Docs Scale

Scale and sampling

Where ST-1 keeps interaction snappy, where it samples for preview, and where it pushes work to the server.

ST-1 has three layers, sized to keep interaction in a single frame and the canonical data honest. Each layer kicks in based on the source’s row count.

Up to ~2M rows — sub-frame interactive

Mosaic precomputes column-summary cubes inside DuckDB-WASM in your browser. Drag a histogram bar; the table, every other column summary, and any chart on top all repaint in the same frame. No round-trips, no streaming spinner.

2M – 50M rows — auto-sampled preview

Past the threshold, sources materialize as a 500,000-row reservoir sample for the in-browser preview. Every panel reading from the sample carries a sampledbadge so you always know what you’re looking at. The canonical Parquet on the server is untouched; agents calling query via MCP read the canonical data, not the sample.

The toggle lives in the project sidebar (Sample large sources). Turn it off when you need exact counts in the preview; expect the page to feel slow on big sources.

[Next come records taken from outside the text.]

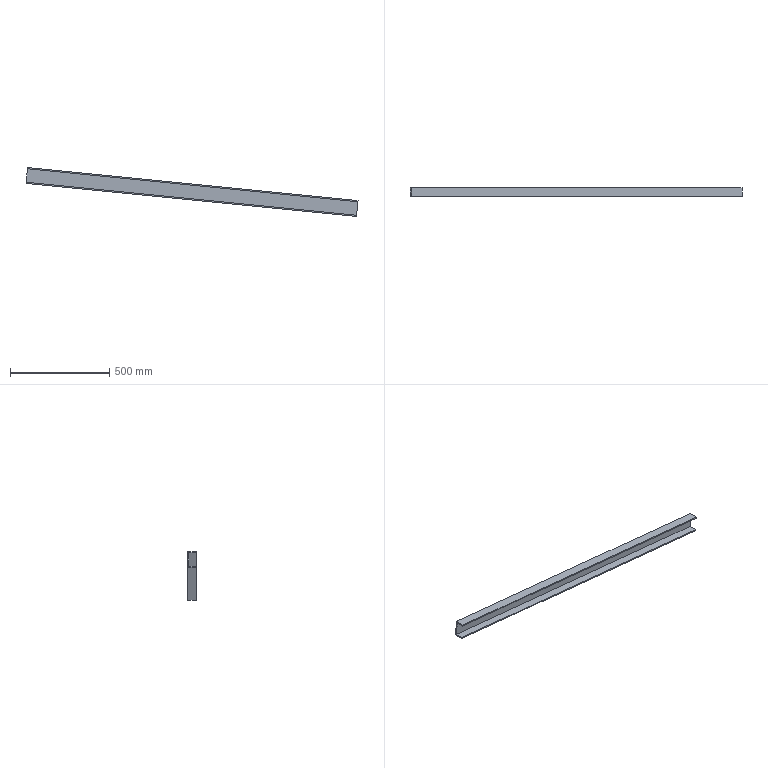Component | NX | UP_FRAME1670_3 | 1 solid | 10 faces | box 1669.69 x 45 x 245.47 mm | volume 1583160 mm3 | plane 10
STEP:
#1=CARTESIAN_POINT('',(0.,0.,0.));
#2=DIRECTION('',(0.,0.,1.));
#3=DIRECTION('',(1.,0.,0.));
#4=AXIS2_PLACEMENT_3D('',#1,#2,#3);
#5=CARTESIAN_POINT('',(-114.972,136.5,534.777));
#6=VERTEX_POINT('',#5);
#7=CARTESIAN_POINT('',(-108.218,136.5,602.441));
#8=VERTEX_POINT('',#7);
#9=CARTESIAN_POINT('',(-114.972,136.5,534.777));
#10=DIRECTION('',(0.09932,0.,0.9951));
#11=VECTOR('',#10,1.);
#12=LINE('',#9,#11);
#13=CARTESIAN_POINT('',(1546.771,136.5,368.913));
#14=DIRECTION('',(0.,-1.,0.));
#15=DIRECTION('',(-0.09932,-0.,-0.9951));
#16=AXIS2_PLACEMENT_3D('',#13,#14,#15);
#17=PLANE('',#16);
#18=CARTESIAN_POINT('',(-0.,-1670.));
#19=DIRECTION('',(-1.,0.));
#20=VECTOR('',#19,1.);
#21=LINE('',#18,#20);
#22=(GEOMETRIC_REPRESENTATION_CONTEXT(2)PARAMETRIC_REPRESENTATION_CONTEXT()REPRESENTATION_CONTEXT('',''));
#23=DEFINITIONAL_REPRESENTATION('',(#21),#22);
#24=PCURVE('',#17,#23);
#25=CARTESIAN_POINT('',(-108.218,136.5,602.441));
#26=DIRECTION('',(0.9951,0.,-0.09932));
#27=DIRECTION('',(0.09932,0.,0.9951));
#28=AXIS2_PLACEMENT_3D('',#25,#26,#27);
#29=PLANE('',#28);
#30=CARTESIAN_POINT('',(-68.,0.));
#31=DIRECTION('',(1.,-0.));
#32=VECTOR('',#31,1.);
#33=LINE('',#30,#32);
#34=(GEOMETRIC_REPRESENTATION_CONTEXT(2)PARAMETRIC_REPRESENTATION_CONTEXT()REPRESENTATION_CONTEXT('',''));
#35=DEFINITIONAL_REPRESENTATION('',(#33),#34);
#36=PCURVE('',#29,#35);
#37=SURFACE_CURVE('',#12,(#24,#36),.PCURVE_S1.);
#38=EDGE_CURVE('',#6,#8,#37,.T.);
#39=ORIENTED_EDGE('',*,*,#38,.F.);
#40=CARTESIAN_POINT('',(1546.771,136.5,368.913));
#41=VERTEX_POINT('',#40);
#42=CARTESIAN_POINT('',(1546.771,136.5,368.913));
#43=DIRECTION('',(-0.9951,0.,0.09932));
#44=VECTOR('',#43,1.);
#45=LINE('',#42,#44);
#46=CARTESIAN_POINT('',(0.,0.));
#47=DIRECTION('',(0.,-1.));
#48=VECTOR('',#47,1.);
#49=LINE('',#46,#48);
#50=(GEOMETRIC_REPRESENTATION_CONTEXT(2)PARAMETRIC_REPRESENTATION_CONTEXT()REPRESENTATION_CONTEXT('',''));
#51=DEFINITIONAL_REPRESENTATION('',(#49),#50);
#52=PCURVE('',#17,#51);
#53=CARTESIAN_POINT('',(1546.771,97.5,368.913));
#54=DIRECTION('',(0.09932,0.,0.9951));
#55=DIRECTION('',(0.,-1.,0.));
#56=AXIS2_PLACEMENT_3D('',#53,#54,#55);
#57=PLANE('',#56);
#58=CARTESIAN_POINT('',(-39.,0.));
#59=DIRECTION('',(0.,-1.));
#60=VECTOR('',#59,1.);
#61=LINE('',#58,#60);
#62=(GEOMETRIC_REPRESENTATION_CONTEXT(2)PARAMETRIC_REPRESENTATION_CONTEXT()REPRESENTATION_CONTEXT('',''));
#63=DEFINITIONAL_REPRESENTATION('',(#61),#62);
#64=PCURVE('',#57,#63);
#65=SURFACE_CURVE('',#45,(#52,#64),.PCURVE_S1.);
#66=EDGE_CURVE('',#41,#6,#65,.T.);
#67=ORIENTED_EDGE('',*,*,#66,.F.);
#68=CARTESIAN_POINT('',(1553.525,136.5,436.577));
#69=VERTEX_POINT('',#68);
#70=CARTESIAN_POINT('',(1546.771,136.5,368.913));
#71=DIRECTION('',(0.09932,0.,0.9951));
#72=VECTOR('',#71,1.);
#73=LINE('',#70,#72);
#74=CARTESIAN_POINT('',(0.,0.));
#75=DIRECTION('',(-1.,0.));
#76=VECTOR('',#75,1.);
#77=LINE('',#74,#76);
#78=(GEOMETRIC_REPRESENTATION_CONTEXT(2)PARAMETRIC_REPRESENTATION_CONTEXT()REPRESENTATION_CONTEXT('',''));
#79=DEFINITIONAL_REPRESENTATION('',(#77),#78);
#80=PCURVE('',#17,#79);
#81=CARTESIAN_POINT('',(1553.525,136.5,436.577));
#82=DIRECTION('',(0.9951,0.,-0.09932));
#83=DIRECTION('',(0.09932,0.,0.9951));
#84=AXIS2_PLACEMENT_3D('',#81,#82,#83);
#85=PLANE('',#84);
#86=CARTESIAN_POINT('',(-68.,0.));
#87=DIRECTION('',(1.,-0.));
#88=VECTOR('',#87,1.);
#89=LINE('',#86,#88);
#90=(GEOMETRIC_REPRESENTATION_CONTEXT(2)PARAMETRIC_REPRESENTATION_CONTEXT()REPRESENTATION_CONTEXT('',''));
#91=DEFINITIONAL_REPRESENTATION('',(#89),#90);
#92=PCURVE('',#85,#91);
#93=SURFACE_CURVE('',#73,(#80,#92),.PCURVE_S1.);
#94=EDGE_CURVE('',#41,#69,#93,.T.);
#95=ORIENTED_EDGE('',*,*,#94,.T.);
#96=CARTESIAN_POINT('',(1553.525,136.5,436.577));
#97=DIRECTION('',(-0.9951,0.,0.09932));
#98=VECTOR('',#97,1.);
#99=LINE('',#96,#98);
#100=CARTESIAN_POINT('',(-68.,0.));
#101=DIRECTION('',(0.,-1.));
#102=VECTOR('',#101,1.);
#103=LINE('',#100,#102);
#104=(GEOMETRIC_REPRESENTATION_CONTEXT(2)PARAMETRIC_REPRESENTATION_CONTEXT()REPRESENTATION_CONTEXT('',''));
#105=DEFINITIONAL_REPRESENTATION('',(#103),#104);
#106=PCURVE('',#17,#105);
#107=CARTESIAN_POINT('',(1553.525,136.5,436.577));
#108=DIRECTION('',(-0.09932,-0.,-0.9951));
#109=DIRECTION('',(-0.,1.,-0.));
#110=AXIS2_PLACEMENT_3D('',#107,#108,#109);
#111=PLANE('',#110);
#112=CARTESIAN_POINT('',(0.,0.));
#113=DIRECTION('',(-0.,-1.));
#114=VECTOR('',#113,1.);
#115=LINE('',#112,#114);
#116=(GEOMETRIC_REPRESENTATION_CONTEXT(2)PARAMETRIC_REPRESENTATION_CONTEXT()REPRESENTATION_CONTEXT('',''));
#117=DEFINITIONAL_REPRESENTATION('',(#115),#116);
#118=PCURVE('',#111,#117);
#119=SURFACE_CURVE('',#99,(#106,#118),.PCURVE_S1.);
#120=EDGE_CURVE('',#69,#8,#119,.T.);
#121=ORIENTED_EDGE('',*,*,#120,.T.);
#122=EDGE_LOOP('',(#39,#67,#95,#121));
#123=FACE_BOUND('',#122,.T.);
#124=ADVANCED_FACE('',(#123),#17,.T.);
#125=CARTESIAN_POINT('',(-108.218,97.5,602.441));
#126=VERTEX_POINT('',#125);
#127=CARTESIAN_POINT('',(-108.218,136.5,602.441));
#128=DIRECTION('',(0.,-1.,0.));
#129=VECTOR('',#128,1.);
#130=LINE('',#127,#129);
#131=CARTESIAN_POINT('',(-0.,-1670.));
#132=DIRECTION('',(-1.,0.));
#133=VECTOR('',#132,1.);
#134=LINE('',#131,#133);
#135=(GEOMETRIC_REPRESENTATION_CONTEXT(2)PARAMETRIC_REPRESENTATION_CONTEXT()REPRESENTATION_CONTEXT('',''));
#136=DEFINITIONAL_REPRESENTATION('',(#134),#135);
#137=PCURVE('',#111,#136);
#138=CARTESIAN_POINT('',(0.,0.));
#139=DIRECTION('',(0.,1.));
#140=VECTOR('',#139,1.);
#141=LINE('',#138,#140);
#142=(GEOMETRIC_REPRESENTATION_CONTEXT(2)PARAMETRIC_REPRESENTATION_CONTEXT()REPRESENTATION_CONTEXT('',''));
#143=DEFINITIONAL_REPRESENTATION('',(#141),#142);
#144=PCURVE('',#29,#143);
#145=SURFACE_CURVE('',#130,(#137,#144),.PCURVE_S1.);
#146=EDGE_CURVE('',#8,#126,#145,.T.);
#147=ORIENTED_EDGE('',*,*,#146,.F.);
#148=ORIENTED_EDGE('',*,*,#120,.F.);
#149=CARTESIAN_POINT('',(1553.525,97.5,436.577));
#150=VERTEX_POINT('',#149);
#151=CARTESIAN_POINT('',(1553.525,136.5,436.577));
#152=DIRECTION('',(0.,-1.,0.));
#153=VECTOR('',#152,1.);
#154=LINE('',#151,#153);
#155=CARTESIAN_POINT('',(0.,0.));
#156=DIRECTION('',(-1.,0.));
#157=VECTOR('',#156,1.);
#158=LINE('',#155,#157);
#159=(GEOMETRIC_REPRESENTATION_CONTEXT(2)PARAMETRIC_REPRESENTATION_CONTEXT()REPRESENTATION_CONTEXT('',''));
#160=DEFINITIONAL_REPRESENTATION('',(#158),#159);
#161=PCURVE('',#111,#160);
#162=CARTESIAN_POINT('',(0.,0.));
#163=DIRECTION('',(0.,1.));
#164=VECTOR('',#163,1.);
#165=LINE('',#162,#164);
#166=(GEOMETRIC_REPRESENTATION_CONTEXT(2)PARAMETRIC_REPRESENTATION_CONTEXT()REPRESENTATION_CONTEXT('',''));
#167=DEFINITIONAL_REPRESENTATION('',(#165),#166);
#168=PCURVE('',#85,#167);
#169=SURFACE_CURVE('',#154,(#161,#168),.PCURVE_S1.);
#170=EDGE_CURVE('',#69,#150,#169,.T.);
#171=ORIENTED_EDGE('',*,*,#170,.T.);
#172=CARTESIAN_POINT('',(1553.525,97.5,436.577));
#173=DIRECTION('',(-0.9951,0.,0.09932));
#174=VECTOR('',#173,1.);
#175=LINE('',#172,#174);
#176=CARTESIAN_POINT('',(-39.,-0.));
#177=DIRECTION('',(-0.,-1.));
#178=VECTOR('',#177,1.);
#179=LINE('',#176,#178);
#180=(GEOMETRIC_REPRESENTATION_CONTEXT(2)PARAMETRIC_REPRESENTATION_CONTEXT()REPRESENTATION_CONTEXT('',''));
#181=DEFINITIONAL_REPRESENTATION('',(#179),#180);
#182=PCURVE('',#111,#181);
#183=CARTESIAN_POINT('',(1553.525,97.5,436.577));
#184=DIRECTION('',(0.,-1.,0.));
#185=DIRECTION('',(-0.09932,0.,-0.9951));
#186=AXIS2_PLACEMENT_3D('',#183,#184,#185);
#187=PLANE('',#186);
#188=CARTESIAN_POINT('',(0.,0.));
#189=DIRECTION('',(0.,-1.));
#190=VECTOR('',#189,1.);
#191=LINE('',#188,#190);
#192=(GEOMETRIC_REPRESENTATION_CONTEXT(2)PARAMETRIC_REPRESENTATION_CONTEXT()REPRESENTATION_CONTEXT('',''));
#193=DEFINITIONAL_REPRESENTATION('',(#191),#192);
#194=PCURVE('',#187,#193);
#195=SURFACE_CURVE('',#175,(#182,#194),.PCURVE_S1.);
#196=EDGE_CURVE('',#150,#126,#195,.T.);
#197=ORIENTED_EDGE('',*,*,#196,.T.);
#198=EDGE_LOOP('',(#147,#148,#171,#197));
#199=FACE_BOUND('',#198,.T.);
#200=ADVANCED_FACE('',(#199),#111,.T.);
#201=CARTESIAN_POINT('',(-107.622,97.5,608.412));
#202=VERTEX_POINT('',#201);
#203=CARTESIAN_POINT('',(-108.218,97.5,602.441));
#204=DIRECTION('',(0.09932,0.,0.9951));
#205=VECTOR('',#204,1.);
#206=LINE('',#203,#205);
#207=CARTESIAN_POINT('',(0.,-1670.));
#208=DIRECTION('',(-1.,0.));
#209=VECTOR('',#208,1.);
#210=LINE('',#207,#209);
#211=(GEOMETRIC_REPRESENTATION_CONTEXT(2)PARAMETRIC_REPRESENTATION_CONTEXT()REPRESENTATION_CONTEXT('',''));
#212=DEFINITIONAL_REPRESENTATION('',(#210),#211);
#213=PCURVE('',#187,#212);
#214=CARTESIAN_POINT('',(0.,39.));
#215=DIRECTION('',(1.,0.));
#216=VECTOR('',#215,1.);
#217=LINE('',#214,#216);
#218=(GEOMETRIC_REPRESENTATION_CONTEXT(2)PARAMETRIC_REPRESENTATION_CONTEXT()REPRESENTATION_CONTEXT('',''));
#219=DEFINITIONAL_REPRESENTATION('',(#217),#218);
#220=PCURVE('',#29,#219);
#221=SURFACE_CURVE('',#206,(#213,#220),.PCURVE_S1.);
#222=EDGE_CURVE('',#126,#202,#221,.T.);
#223=ORIENTED_EDGE('',*,*,#222,.F.);
#224=ORIENTED_EDGE('',*,*,#196,.F.);
#225=CARTESIAN_POINT('',(1554.12,97.5,442.548));
#226=VERTEX_POINT('',#225);
#227=CARTESIAN_POINT('',(1553.525,97.5,436.577));
#228=DIRECTION('',(0.09932,0.,0.9951));
#229=VECTOR('',#228,1.);
#230=LINE('',#227,#229);
#231=CARTESIAN_POINT('',(0.,0.));
#232=DIRECTION('',(-1.,0.));
#233=VECTOR('',#232,1.);
#234=LINE('',#231,#233);
#235=(GEOMETRIC_REPRESENTATION_CONTEXT(2)PARAMETRIC_REPRESENTATION_CONTEXT()REPRESENTATION_CONTEXT('',''));
#236=DEFINITIONAL_REPRESENTATION('',(#234),#235);
#237=PCURVE('',#187,#236);
#238=CARTESIAN_POINT('',(0.,39.));
#239=DIRECTION('',(1.,0.));
#240=VECTOR('',#239,1.);
#241=LINE('',#238,#240);
#242=(GEOMETRIC_REPRESENTATION_CONTEXT(2)PARAMETRIC_REPRESENTATION_CONTEXT()REPRESENTATION_CONTEXT('',''));
#243=DEFINITIONAL_REPRESENTATION('',(#241),#242);
#244=PCURVE('',#85,#243);
#245=SURFACE_CURVE('',#230,(#237,#244),.PCURVE_S1.);
#246=EDGE_CURVE('',#150,#226,#245,.T.);
#247=ORIENTED_EDGE('',*,*,#246,.T.);
#248=CARTESIAN_POINT('',(1554.12,97.5,442.548));
#249=DIRECTION('',(-0.9951,0.,0.09932));
#250=VECTOR('',#249,1.);
#251=LINE('',#248,#250);
#252=CARTESIAN_POINT('',(-6.,-0.));
#253=DIRECTION('',(0.,-1.));
#254=VECTOR('',#253,1.);
#255=LINE('',#252,#254);
#256=(GEOMETRIC_REPRESENTATION_CONTEXT(2)PARAMETRIC_REPRESENTATION_CONTEXT()REPRESENTATION_CONTEXT('',''));
#257=DEFINITIONAL_REPRESENTATION('',(#255),#256);
#258=PCURVE('',#187,#257);
#259=CARTESIAN_POINT('',(1554.12,97.5,442.548));
#260=DIRECTION('',(0.09932,0.,0.9951));
#261=DIRECTION('',(-0.9951,0.,0.09932));
#262=AXIS2_PLACEMENT_3D('',#259,#260,#261);
#263=PLANE('',#262);
#264=CARTESIAN_POINT('',(0.,0.));
#265=DIRECTION('',(1.,0.));
#266=VECTOR('',#265,1.);
#267=LINE('',#264,#266);
#268=(GEOMETRIC_REPRESENTATION_CONTEXT(2)PARAMETRIC_REPRESENTATION_CONTEXT()REPRESENTATION_CONTEXT('',''));
#269=DEFINITIONAL_REPRESENTATION('',(#267),#268);
#270=PCURVE('',#263,#269);
#271=SURFACE_CURVE('',#251,(#258,#270),.PCURVE_S1.);
#272=EDGE_CURVE('',#226,#202,#271,.T.);
#273=ORIENTED_EDGE('',*,*,#272,.T.);
#274=EDGE_LOOP('',(#223,#224,#247,#273));
#275=FACE_BOUND('',#274,.T.);
#276=ADVANCED_FACE('',(#275),#187,.T.);
#277=CARTESIAN_POINT('',(-107.622,142.5,608.412));
#278=VERTEX_POINT('',#277);
#279=CARTESIAN_POINT('',(-107.622,97.5,608.412));
#280=DIRECTION('',(0.,1.,0.));
#281=VECTOR('',#280,1.);
#282=LINE('',#279,#281);
#283=CARTESIAN_POINT('',(1670.,0.));
#284=DIRECTION('',(0.,-1.));
#285=VECTOR('',#284,1.);
#286=LINE('',#283,#285);
#287=(GEOMETRIC_REPRESENTATION_CONTEXT(2)PARAMETRIC_REPRESENTATION_CONTEXT()REPRESENTATION_CONTEXT('',''));
#288=DEFINITIONAL_REPRESENTATION('',(#286),#287);
#289=PCURVE('',#263,#288);
#290=CARTESIAN_POINT('',(6.,39.));
#291=DIRECTION('',(0.,-1.));
#292=VECTOR('',#291,1.);
#293=LINE('',#290,#292);
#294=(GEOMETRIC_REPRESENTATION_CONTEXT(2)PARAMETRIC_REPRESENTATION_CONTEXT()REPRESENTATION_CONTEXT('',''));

50M+ rows — server-side compute

The browser is no longer the right place for the heavy lift. Run aggregates through the MCP querytool — your AI gets canonical data — or author a derived rollup that’s small enough to explore directly. The browser sees the result; the heavy work stays where the data lives. Upload limit is 1 GiB per source.

The sampling toggle in detail

What samples — only sources over 2M rows. Smaller sources and every DBT preview always read full data.
How — a deterministic reservoir sample so re-opens see the same preview rows.
What doesn’t sample — server-side MCP calls (query, sample, quality_report) and server-rendered chart PNGs read the canonical data.